TP53 mutations inactivating p53 protein, often associated with loss of the remaining TP53 allele through 17p deletion, are major prognostic factors in many hematological malignancies, including CLL, myeloma, AML and MDS. In AML and MDS, they are usually associated with complex karyotype (including del 17p) and very poor prognosis (Blood 1991, 78(7):1652-7 , Bejar, NEJM 2011), including after allogeneic SCT (Middeke JM, Blood 2014) but they are also seen in lower risk MDS with isolated del 5q, where they confer resistance to Lenalidomide (Jadersten, JCO 2011). The advent of Next Generation Sequencing (NGS) techniques has improved the detection of such mutations, by allowing the identification of small mutated clones. Other detection methods may prove interesting, especially functional methods like FASAY ( Functional Assay of Separated Allele in Yeast) , an easy and sensitive method that detects TP53 mutations by assessing the p53 function as transcription factor (Flaman et al, PNAS 1995). We compared the detection of TP53 mutations in MDS and AML by FASAY and NGS approaches.

Methods

The 84 patients analyzed included 10 AML, 10 higher risk MDS, and 64 lower risk MDS with del 5q. RNA and DNA were extracted from marrow mononuclear cells. TP53 mutations were detected on RNA by FASAY where, after amplification of the TP53 mRNA, the PCR product is co transfected with an open gap repair plasmid leading, by homologous recombination, to p53 protein expression in the yeast. The yeast strain used is dependent on p53 functionality for growth and color and detection of more than 10% of small red yeast colonies defines a non-functional FASAY result. All non-functional FASAY were confirmed by the split versions of the test and TP53 defects were characterized by Sanger sequencing. The detection limit is around 10% in our hands (Manie E, Cancer Res 2009). In parallel, TP53 mutations were detected on DNA by NGS using the IRON II plate design and pyrosequencing on a GS Junior System (Roche). (Kohlmann, Leukemia 2011).FASAY (+Sanger sequencing) and NGS were performed in two different labs.

Results

By FASAY, 47 patients (56%) had a functional p53 and 37 cases (44%) a non-functional p53 and a mutation was confirmed by Sanger in all non functional cases.

By NGS analysis, no TP53 mutation was found in 47 cases (56%) and a mutation was detected in 37 cases (44%).

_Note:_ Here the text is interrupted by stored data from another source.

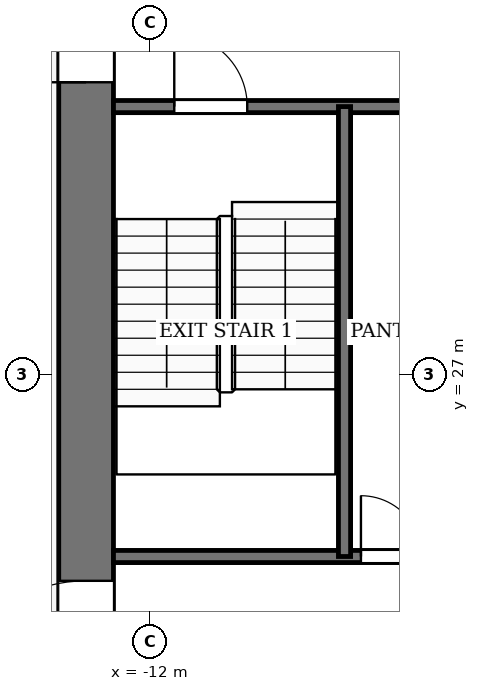
"""IFC4 building model, lengths in metres.
Left out: names, types, materials, properties, quantities, classifications, styles, units other than length and angle.
Written with IfcOpenShell. Run it as: python <this file> out.ifc"""

import sys

from ifc_helpers import new_model, si_unit, direction, frame, frame_2d, origin, place, context, subcontext, project, spatial, rectangle, extrude, element, fill, save


model = new_model("IFC4")
c1 = context("Model", 3, precision=1e-05, world=origin(), true_north=direction((0.0, 1.0)))
c2 = subcontext(c1, "Body", "Model", "MODEL_VIEW")
j1 = project(units=[si_unit("LENGTHUNIT", "METRE"), si_unit("PLANEANGLEUNIT", "RADIAN")], contexts=[c1])
p1 = place(None, origin())
s1 = spatial("IfcSite", under=j1, at=p1, CompositionType="ELEMENT")
p2 = place(p1, origin())
s2 = spatial("IfcBuilding", under=s1, at=p2, CompositionType="ELEMENT")
p3 = place(p2, frame((0.0, 0.0, 190.0)))
s3 = spatial("IfcBuildingStorey", under=s2, at=p3, CompositionType="ELEMENT", Elevation=190.0)
p4 = place(p3, frame((-13.05, 18.4, -0.13), z_axis=(0.0, 0.0, 1.0), x_axis=(0.0, 1.0, 0.0)))
e1 = element("IfcWall", 1, at=p4, inside=s3, PredefinedType="SHEAR", context=c2, shape_type="SweptSolid", body=[
    extrude(rectangle(XDim=19.2, YDim=0.9, at=frame_2d((9.6, 0.0))), origin(), (0.0, 0.0, 1.0), 4.0),
])
p5 = place(p4, frame((2.8, 0.0, 0.13)))
e2 = element("IfcOpeningElement", 2, at=p5, cuts=e1, PredefinedType="OPENING", context=c2, shape_type="SweptSolid", body=[
    extrude(rectangle(XDim=2.4, YDim=2.4, at=frame_2d((1.2, 1.2))), frame((0.0, 0.46, 0.0), z_axis=(0.0, -1.0, 0.0), x_axis=(1.0, 0.0, 0.0)), (0.0, 0.0, 1.0), 0.92),
])
p6 = place(p4, frame((13.4, 0.0, 0.13)))
e3 = element("IfcOpeningElement", 3, at=p6, cuts=e1, PredefinedType="OPENING", context=c2, shape_type="SweptSolid", body=[
    extrude(rectangle(XDim=1.4, YDim=2.2, at=frame_2d((0.7, 1.1))), frame((0.0, 0.46, 0.0), z_axis=(0.0, -1.0, 0.0), x_axis=(1.0, 0.0, 0.0)), (0.0, 0.0, 1.0), 0.92),
])
p7 = place(p3, frame((-12.6, 24.0, 0.0), z_axis=(0.0, 0.0, 1.0), x_axis=(1.0, 0.0, 0.0)))
e4 = element("IfcWall", 4, at=p7, inside=s3, PredefinedType="PARTITIONING", context=c2, shape_type="SweptSolid", body=[
    extrude(rectangle(XDim=6.6, YDim=0.2, at=frame_2d((3.3, 0.0))), origin(), (0.0, 0.0, 1.0), 3.87),
])
p8 = place(p7, frame((4.07, 0.0, 0.0)))
e5 = element("IfcOpeningElement", 5, at=p8, cuts=e4, PredefinedType="OPENING", context=c2, shape_type="SweptSolid", body=[
    extrude(rectangle(XDim=1.0, YDim=2.1, at=frame_2d((0.5, 1.05))), frame((0.0, 0.11, 0.0), z_axis=(0.0, -1.0, 0.0), x_axis=(1.0, 0.0, 0.0)), (0.0, 0.0, 1.0), 0.22),
])
p9 = place(p7, frame((5.57, 0.0, 0.0)))
e6 = element("IfcOpeningElement", 6, at=p9, cuts=e4, PredefinedType="OPENING", context=c2, shape_type="SweptSolid", body=[
    extrude(rectangle(XDim=0.8, YDim=2.1, at=frame_2d((0.4, 1.05))), frame((0.0, 0.11, 0.0), z_axis=(0.0, -1.0, 0.0), x_axis=(1.0, 0.0, 0.0)), (0.0, 0.0, 1.0), 0.22),
])
p10 = place(p3, frame((-12.6, 31.4, 0.0), z_axis=(0.0, 0.0, 1.0), x_axis=(1.0, 0.0, 0.0)))
e7 = element("IfcWall", 7, at=p10, inside=s3, PredefinedType="PARTITIONING", context=c2, shape_type="SweptSolid", body=[
    extrude(rectangle(XDim=6.6, YDim=0.2, at=frame_2d((3.3, 0.0))), origin(), (0.0, 0.0, 1.0), 3.87),
])
p11 = place(p10, frame((1.0, 0.0, 0.0)))
e8 = element("IfcOpeningElement", 8, at=p11, cuts=e7, PredefinedType="OPENING", context=c2, shape_type="SweptSolid", body=[
    extrude(rectangle(XDim=1.2, YDim=2.2, at=frame_2d((0.6, 1.1))), frame((0.0, 0.11, 0.0), z_axis=(0.0, -1.0, 0.0), x_axis=(1.0, 0.0, 0.0)), (0.0, 0.0, 1.0), 0.22),
])
p12 = place(p3, frame((-8.8, 24.0, 0.0), z_axis=(0.0, 0.0, 1.0), x_axis=(0.0, 1.0, 0.0)))
e9 = element("IfcWall", 9, at=p12, inside=s3, PredefinedType="PARTITIONING", context=c2, shape_type="SweptSolid", body=[
    extrude(rectangle(XDim=7.4, YDim=0.2, at=frame_2d((3.7, 0.0))), origin(), (0.0, 0.0, 1.0), 3.87),
])
p13 = place(p8, origin())
e10 = element("IfcDoor", 10, at=p13, inside=s3, OperationType="SINGLE_SWING_RIGHT", PredefinedType="DOOR", context=c2, shape_type="SweptSolid", body=[
    extrude(rectangle(XDim=1.0, YDim=2.1, at=frame_2d((0.5, 1.05))), frame((0.0, 0.025, 0.0), z_axis=(0.0, -1.0, 0.0), x_axis=(1.0, 0.0, 0.0)), (0.0, 0.0, 1.0), 0.05),
])
fill(e5, e10)
p14 = place(p11, origin())
e11 = element("IfcDoor", 11, at=p14, inside=s3, OperationType="SINGLE_SWING_RIGHT", PredefinedType="DOOR", context=c2, shape_type="SweptSolid", body=[
    extrude(rectangle(XDim=1.2, YDim=2.2, at=frame_2d((0.6, 1.1))), frame((0.0, 0.025, 0.0), z_axis=(0.0, -1.0, 0.0), x_axis=(1.0, 0.0, 0.0)), (0.0, 0.0, 1.0), 0.05),
])
fill(e8, e11)
p15 = place(p5, origin())
e12 = element("IfcDoor", 12, at=p15, inside=s3, OperationType="DOUBLE_DOOR_SINGLE_SWING", PredefinedType="DOOR", context=c2, shape_type="SweptSolid", body=[
    extrude(rectangle(XDim=2.4, YDim=2.4, at=frame_2d((1.2, 1.2))), frame((0.0, 0.025, 0.0), z_axis=(0.0, -1.0, 0.0), x_axis=(1.0, 0.0, 0.0)), (0.0, 0.0, 1.0), 0.05),
])
fill(e2, e12)
p16 = place(p6, origin())
e13 = element("IfcDoor", 13, at=p16, inside=s3, OperationType="SINGLE_SWING_RIGHT", PredefinedType="DOOR", context=c2, shape_type="SweptSolid", body=[
    extrude(rectangle(XDim=1.4, YDim=2.2, at=frame_2d((0.7, 1.1))), frame((0.0, 0.025, 0.0), z_axis=(0.0, -1.0, 0.0), x_axis=(1.0, 0.0, 0.0)), (0.0, 0.0, 1.0), 0.05),
])
fill(e3, e13)
save(model, sys.argv[1])

In the 37 mutated cases by NGS, the median proportion of mutated allele was 35% (range 3 to 99%), including a median of 72%, 35%, 25 % in AML, higher risk MDS and lower risk MDS with del 5q, respectively. The mutated clone size was lower than 10% in only 2 patients who both had lower risk MDS with del 5q (3 and 6%, respectively).

A perfect correlation between FASAY and NGS was found in 80 (95.5%) cases. The 4 discordant cases included a mutation detected only by FASAY in 2 cases, and only by NGS in 2 cases. Undetected mutations by NGS were insertions of intronic sequences (intron 9) not explored by the technique used. These insertions resulted in non-functional protein well detected by FASAY which analyses the global cDNA sequence including splicing defects. Undetected mutations by FASAY were mutations in which the percentage of mutated alleles was less than 10% (3% and 6 % respectively).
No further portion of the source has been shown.